The vanilla approximations above hit a wall in the same place: Kubernetes gives you the primitives (multiple ReplicaSets, label-based routing, readiness gating) but no automated, metric-driven progressive delivery. It cannot natively do "shift 5% of traffic, check the error rate over five minutes, if healthy shift to 25%, otherwise roll back automatically." That decision loop - analyze real metrics, advance or abort - is exactly what dedicated tools add.

  • Argo Rollouts replaces the Deployment with a Rollout resource that speaks canary and blue-green natively. You declare the steps (setWeight: 20, pause: {duration: 5m}, setWeight: 50, and so on), wire in AnalysisTemplates that query Prometheus, Datadog, or similar, and it automatically promotes or aborts each step based on whether the metrics stay within bounds. It also integrates with a service mesh or ingress for true percentage-based traffic splitting rather than pod-ratio approximation.
  • Flagger sits on top of your existing Deployments and a service mesh (Istio, Linkerd) or ingress (NGINX, Gateway API). It drives the canary by progressively shifting traffic weights at the mesh layer, running metric analysis and webhook checks between steps, and rolling back automatically on regression - all while you keep authoring a normal Deployment.

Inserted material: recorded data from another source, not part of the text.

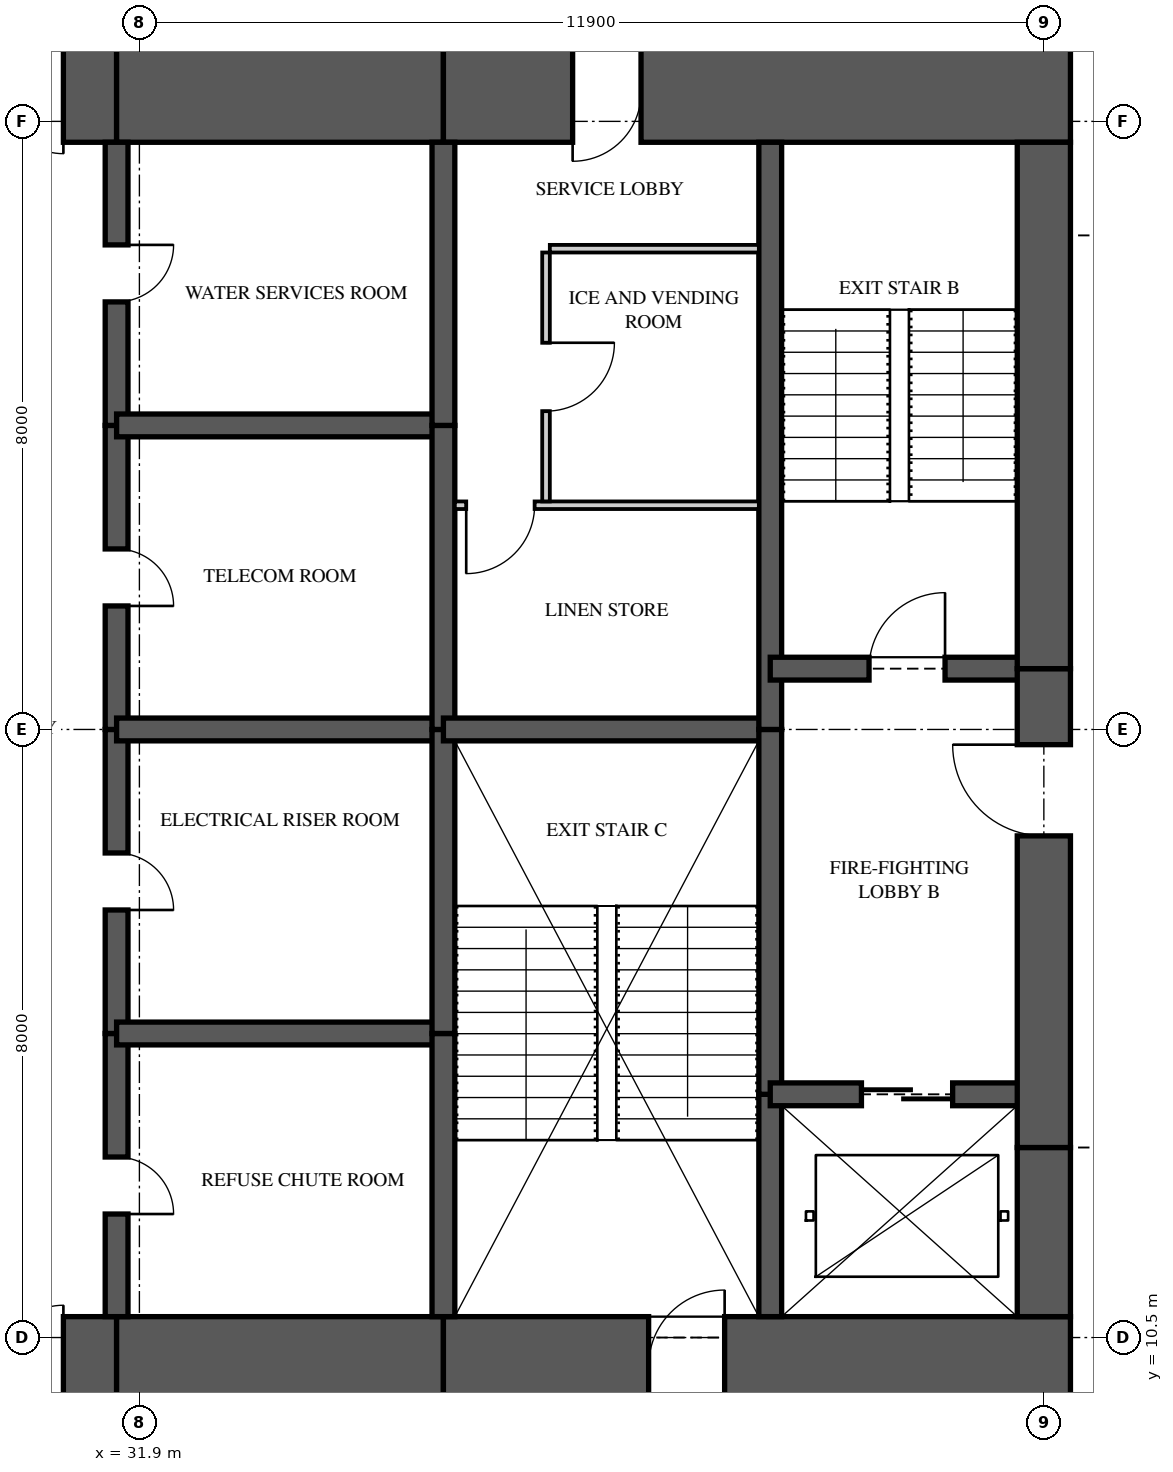
"""IFC4 building model, lengths in metres.
Left out: names, types, materials, properties, quantities, classifications, styles, units other than length and angle.
Written with IfcOpenShell. Run it as: python <this file> out.ifc"""

import sys

from ifc_helpers import new_model, si_unit, direction, frame, frame_2d, origin, place, context, subcontext, project, spatial, rectangle, extrude, element, fill, save


model = new_model("IFC4")
c1 = context("Model", 3, precision=1e-05, world=origin(), true_north=direction((0.0, 1.0)))
c2 = subcontext(c1, "Body", "Model", "MODEL_VIEW")
j1 = project(units=[si_unit("LENGTHUNIT", "METRE"), si_unit("PLANEANGLEUNIT", "RADIAN")], contexts=[c1])
p1 = place(None, origin())
s1 = spatial("IfcSite", under=j1, at=p1, CompositionType="ELEMENT")
p2 = place(p1, origin())
s2 = spatial("IfcBuilding", under=s1, at=p2, CompositionType="ELEMENT")
p3 = place(p2, frame((0.0, 0.0, 197.9)))
s3 = spatial("IfcBuildingStorey", under=s2, at=p3, CompositionType="ELEMENT", Elevation=197.9)
p4 = place(p3, frame((26.0, 10.125, 0.0), z_axis=(0.0, 0.0, 1.0), x_axis=(1.0, 0.0, 0.0)))
e1 = element("IfcWall", 1, at=p4, inside=s3, PredefinedType="SHEAR", context=c2, shape_type="SweptSolid", body=[
    extrude(rectangle(XDim=5.6, YDim=1.3, at=frame_2d((2.8, 0.0))), origin(), (0.0, 0.0, 1.0), 3.35),
])
p5 = place(p4, frame((3.3, 0.0, 0.0)))
e2 = element("IfcOpeningElement", 2, at=p5, cuts=e1, PredefinedType="OPENING", context=c2, shape_type="SweptSolid", body=[
    extrude(rectangle(XDim=1.6, YDim=2.1, at=frame_2d((0.8, 1.05))), frame((0.0, 0.66, 0.0), z_axis=(0.0, -1.0, 0.0), x_axis=(1.0, 0.0, 0.0)), (0.0, 0.0, 1.0), 1.32),
])
p6 = place(p3, frame((31.6, 10.125, 0.0), z_axis=(0.0, 0.0, 1.0), x_axis=(1.0, 0.0, 0.0)))
e3 = element("IfcWall", 3, at=p6, inside=s3, PredefinedType="SHEAR", context=c2, shape_type="SweptSolid", body=[
    extrude(rectangle(XDim=4.3, YDim=1.3, at=frame_2d((2.15, 0.0))), origin(), (0.0, 0.0, 1.0), 3.35),
])
p7 = place(p3, frame((35.9, 10.125, 0.0), z_axis=(0.0, 0.0, 1.0), x_axis=(1.0, 0.0, 0.0)))
e4 = element("IfcWall", 4, at=p7, inside=s3, PredefinedType="SHEAR", context=c2, shape_type="SweptSolid", body=[
    extrude(rectangle(XDim=8.25, YDim=1.3, at=frame_2d((4.125, 0.0))), origin(), (0.0, 0.0, 1.0), 3.35),
])
p8 = place(p7, frame((2.7, 0.0, 0.0)))
e5 = element("IfcOpeningElement", 5, at=p8, cuts=e4, PredefinedType="OPENING", context=c2, shape_type="SweptSolid", body=[
    extrude(rectangle(XDim=1.0, YDim=2.1, at=frame_2d((0.5, 1.05))), frame((0.0, 0.66, 0.0), z_axis=(0.0, -1.0, 0.0), x_axis=(1.0, 0.0, 0.0)), (0.0, 0.0, 1.0), 1.32),
])
p9 = place(p3, frame((44.15, 26.875, 0.0), z_axis=(0.0, 0.0, 1.0), x_axis=(-1.0, 0.0, 0.0)))
e6 = element("IfcWall", 6, at=p9, inside=s3, PredefinedType="SHEAR", context=c2, shape_type="SweptSolid", body=[
    extrude(rectangle(XDim=8.25, YDim=1.3, at=frame_2d((4.125, 0.0))), origin(), (0.0, 0.0, 1.0), 3.35),
])
p10 = place(p9, frame((5.65, 0.0, 0.0)))
e7 = element("IfcOpeningElement", 7, at=p10, cuts=e6, PredefinedType="OPENING", context=c2, shape_type="SweptSolid", body=[
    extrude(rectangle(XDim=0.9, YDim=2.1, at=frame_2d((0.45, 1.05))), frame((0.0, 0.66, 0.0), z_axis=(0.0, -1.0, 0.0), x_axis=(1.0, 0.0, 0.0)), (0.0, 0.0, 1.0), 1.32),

The line is clear. Native Kubernetes RollingUpdate, plus readiness probes and the timing fields, is enough for the everyday case and is what you should master first - it is genuinely safe and covers most services. Manual blue-green and canary with selectors and replica math are fine for occasional, supervised releases. But once you want repeatable, automated, metric-gated progressive delivery with automatic rollback, stop hand-rolling it and adopt Argo Rollouts or Flagger. Reimplementing their analysis loop with cron jobs and kubectl scale is a well-known way to build a fragile, half-working version of a solved problem.

The shape of it

A Deployment's real value is not "run N pods" - the ReplicaSet does that - it is managing change safely, and change is orchestrated by scaling a new ReplicaSet up while scaling the old one down. RollingUpdate governs that dance with maxSurge (extra pods for headroom and speed) and maxUnavailable (how much capacity you will give up), and the two trade capacity against speed against cluster room. Recreate is the deliberate all-at-once swap for versions that cannot coexist, at the price of downtime. The kubectl rollout commands - status to gate CI, history and undo for instant rollback off retained ReplicaSets, pause/resume to batch or hand-canary - are how you drive and recover a live deploy. Readiness probes are the load-bearing piece: they turn a blind swap into a gated, self-stalling rollout, and minReadySeconds plus progressDeadlineSeconds give it the right patience. Blue-green and canary are higher-level shapes you can approximate with selectors and replica math, but when you need automated, metric-driven rollouts with auto-rollback, that is where Argo Rollouts or Flagger earn their keep. When a rollout misbehaves, the debugging read is the same STATUS -> describe -> logs loop from the debugging guide, aimed at the new ReplicaSet's pods.